I am a strong believer of the value of privacy for a modern society. I even
want to dedicate my life to help building privacy enhancing technologies and
censorship-resistant networks. Because I think that an "advanced" world can
only thrive if information is unrestricted, or unstoppable.

But today I face a dilemma. The dilemma of choosing between freedom and
privacy, and security.

I am French, and have a lot of family in Paris. My brother lives two streets
from the Bataclan and lost one of his friends. Some of my friends lost 5,
sometimes 10 people that night. Imagine loosing two thirds of your group of
friends in a few hours. This is frightening.
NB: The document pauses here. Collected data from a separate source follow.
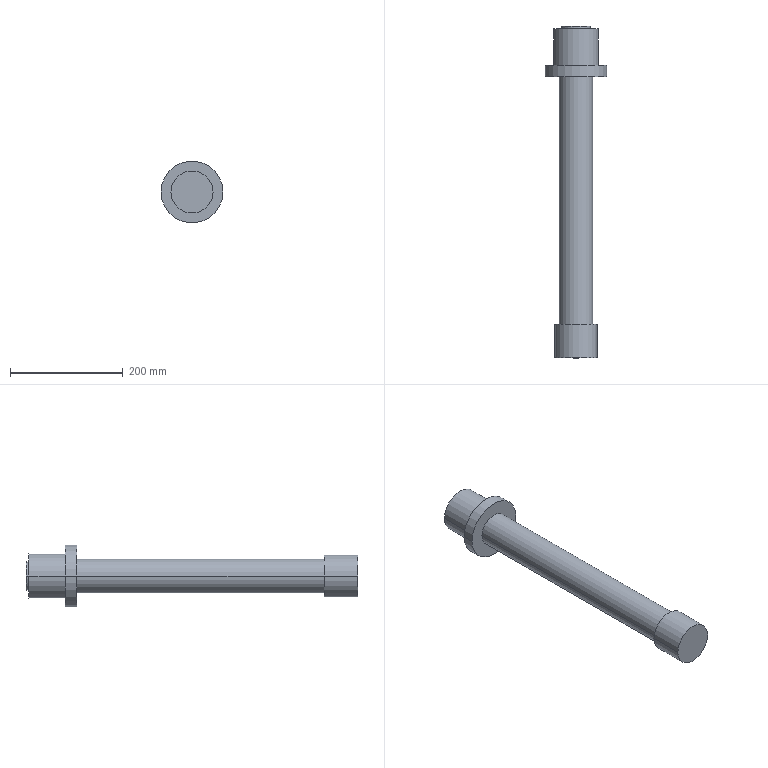Component | SolidWorks | BalanceCylinderBody-1 | 1 solid | 19 faces | box 110 x 590 x 110 mm | volume 957927 mm3 | cylinder 12 | plane 7 | commonest cylinder face diameters 50 x2 51 x2 75 x2 60 x2 110 x2 79 x2
build123d program:
from build123d import *

# Parameters (mm, degrees)
SKETCH2_R           = 25
CUT_EXTRUDE1_DEPTH  = 540
BOSS_EXTRUDE1_START = 5
SKETCH3_R           = 25.5
SKETCH3_R_2         = 25
BOSS_EXTRUDE1_DEPTH = 5


with BuildPart() as part:
    # Sketch1 → Revolve1 (revolve)
    with BuildSketch(Plane(origin=(0, 0, 0), x_dir=(1, 0, 0), z_dir=(0, 1, 0))):
        Polygon((0, 585), (39.5, 585), (39.5, 520), (55, 520), (55, 500), (30, 500), (30, 60), (37.5, 60), (37.5, 0), (0, 0), align=None)
    revolve(axis=Axis((0, 0, 0), (0, 0, -1)))

    # Sketch2 → Cut-Extrude1 (cut)
    with BuildSketch(Plane(origin=(0, 0, -585), x_dir=(-1, 0, 0), z_dir=(0, 0, -1))):
        Circle(SKETCH2_R)
    extrude(amount=-CUT_EXTRUDE1_DEPTH, mode=Mode.SUBTRACT)

    # Sketch3 → Boss-Extrude1 (add)
    with BuildSketch(Plane(origin=(0, 0, -585), x_dir=(-1, 0, 0), z_dir=(0, 0, -1)).offset(BOSS_EXTRUDE1_START)):
        Circle(SKETCH3_R)
        Circle(SKETCH3_R_2, mode=Mode.SUBTRACT)
    extrude(amount=-BOSS_EXTRUDE1_DEPTH)


solid = part.part

# Placed as in the assembly
solid = solid.moved(Location((-101.681, 328.438, 683.723), (90, 0, 0)))
STEP:
#1=CARTESIAN_POINT('',(-3.019,14.702,26.918));
#2=VERTEX_POINT('',#1);
#3=CARTESIAN_POINT('',(-4.987,14.702,26.918));
#4=VERTEX_POINT('',#3);
#5=CARTESIAN_POINT('',(-4.003,14.702,26.918));
#6=DIRECTION('',(0.,1.,0.));
#7=DIRECTION('',(-1.,0.,0.));
#8=AXIS2_PLACEMENT_3D('',#5,#6,#7);
#9=CIRCLE('',#8,0.9843);
#10=EDGE_CURVE('',#2,#4,#9,.T.);
#11=ORIENTED_EDGE('',*,*,#10,.F.);
#12=CARTESIAN_POINT('',(-3.019,36.159,26.918));
#13=VERTEX_POINT('',#12);
#14=CARTESIAN_POINT('',(-3.019,14.702,26.918));
#15=DIRECTION('',(0.,1.,0.));
#16=VECTOR('',#15,39.37);
#17=LINE('',#14,#16);
#18=EDGE_CURVE('',#2,#13,#17,.T.);
#19=ORIENTED_EDGE('',*,*,#18,.T.);
#20=CARTESIAN_POINT('',(-4.987,36.159,26.918));
#21=VERTEX_POINT('',#20);
#22=CARTESIAN_POINT('',(-4.003,36.159,26.918));
#23=DIRECTION('',(0.,1.,0.));
#24=DIRECTION('',(-1.,0.,0.));
#25=AXIS2_PLACEMENT_3D('',#22,#23,#24);
#26=CIRCLE('',#25,0.9843);
#27=EDGE_CURVE('',#13,#21,#26,.T.);
#28=ORIENTED_EDGE('',*,*,#27,.T.);
#29=CARTESIAN_POINT('',(-4.987,14.702,26.918));
#30=DIRECTION('',(0.,1.,0.));
#31=VECTOR('',#30,39.37);
#32=LINE('',#29,#31);
#33=EDGE_CURVE('',#4,#21,#32,.T.);
#34=ORIENTED_EDGE('',*,*,#33,.F.);
#35=EDGE_LOOP('',(#11,#19,#28,#34));
#36=FACE_OUTER_BOUND('',#35,.T.);
#37=CARTESIAN_POINT('',(-4.003,14.702,26.918));
#38=DIRECTION('',(0.,1.,0.));
#39=DIRECTION('',(-1.,0.,0.));
#40=AXIS2_PLACEMENT_3D('',#37,#38,#39);
#41=CYLINDRICAL_SURFACE('',#40,0.9843);
#42=ADVANCED_FACE('',(#36),#41,.F.);
#43=CARTESIAN_POINT('',(-5.007,36.159,26.918));
#44=VERTEX_POINT('',#43);
#45=CARTESIAN_POINT('',(-2.999,36.159,26.918));
#46=VERTEX_POINT('',#45);
#47=CARTESIAN_POINT('',(-4.003,36.159,26.918));
#48=DIRECTION('',(0.,1.,0.));
#49=DIRECTION('',(-1.,0.,0.));
#50=AXIS2_PLACEMENT_3D('',#47,#48,#49);
#51=CIRCLE('',#50,1.004);
#52=EDGE_CURVE('',#44,#46,#51,.T.);
#53=ORIENTED_EDGE('',*,*,#52,.F.);
#54=CARTESIAN_POINT('',(-5.007,35.962,26.918));
#55=VERTEX_POINT('',#54);
#56=CARTESIAN_POINT('',(-5.007,36.159,26.918));
#57=DIRECTION('',(0.,-1.,0.));
#58=VECTOR('',#57,39.37);
#59=LINE('',#56,#58);
#60=EDGE_CURVE('',#44,#55,#59,.T.);
#61=ORIENTED_EDGE('',*,*,#60,.T.);
#62=CARTESIAN_POINT('',(-2.999,35.962,26.918));
#63=VERTEX_POINT('',#62);
#64=CARTESIAN_POINT('',(-4.003,35.962,26.918));
#65=DIRECTION('',(0.,1.,0.));
#66=DIRECTION('',(-1.,0.,0.));
#67=AXIS2_PLACEMENT_3D('',#64,#65,#66);
#68=CIRCLE('',#67,1.004);
#69=EDGE_CURVE('',#55,#63,#68,.T.);
#70=ORIENTED_EDGE('',*,*,#69,.T.);
#71=CARTESIAN_POINT('',(-2.999,36.159,26.918));
#72=DIRECTION('',(0.,-1.,0.));
#73=VECTOR('',#72,39.37);
#74=LINE('',#71,#73);
#75=EDGE_CURVE('',#46,#63,#74,.T.);
#76=ORIENTED_EDGE('',*,*,#75,.F.);
#77=EDGE_LOOP('',(#53,#61,#70,#76));
#78=FACE_OUTER_BOUND('',#77,.T.);
#79=CARTESIAN_POINT('',(-4.003,36.159,26.918));
#80=DIRECTION('',(0.,-1.,0.));
#81=DIRECTION('',(1.,0.,0.));
#82=AXIS2_PLACEMENT_3D('',#79,#80,#81);
#83=CYLINDRICAL_SURFACE('',#82,1.004);
#84=ADVANCED_FACE('',(#78),#83,.T.);
#85=CARTESIAN_POINT('',(-2.527,15.293,26.918));
#86=VERTEX_POINT('',#85);
#87=CARTESIAN_POINT('',(-5.48,15.293,26.918));
#88=VERTEX_POINT('',#87);
#89=CARTESIAN_POINT('',(-4.003,15.293,26.918));
#90=DIRECTION('',(0.,-1.,0.));
#91=DIRECTION('',(1.,0.,0.));
#92=AXIS2_PLACEMENT_3D('',#89,#90,#91);
#93=CIRCLE('',#92,1.476);
#94=EDGE_CURVE('',#86,#88,#93,.T.);
#95=ORIENTED_EDGE('',*,*,#94,.T.);
#96=CARTESIAN_POINT('',(-5.48,12.931,26.918));
#97=VERTEX_POINT('',#96);
#98=CARTESIAN_POINT('',(-5.48,12.931,26.918));
#99=DIRECTION('',(0.,-1.,0.));
#100=VECTOR('',#99,39.37);
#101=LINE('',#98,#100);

When I look at France. I see a great country, with a lot of humanity and when
I look at the French, I see a freedom loving people who share a love for good
food, good music and generally speaking, the good things that life has to
offer.

But I also see the failure of my country in the suburbs. With entire
neighborhoods that have been left uncontrolled by the government at some
point, and who never went back to that state despite lots of efforts. These
neighborhoods are rigged with crime and violence, and have been a fertile
environment for religious lunatics to grow stronger for the last twenty years.

And I have mixed feelings. The French National Assembly has extended the state
of urgency to three months. Strengthening the regalian power of the state and
weakening the counter-balancing power of the Judicial branch.

Hundreds of raids have been coordinated through France, most being in those
"uncontrolled areas". And it seems to work.

Which prompt me to think that this might be for the better. For the most part
of my "short" life, I have thought that a people should never "trade freedom
for security". But I have come to the, perhaps wrong, conclusion that there
can't be "freedom without security" either.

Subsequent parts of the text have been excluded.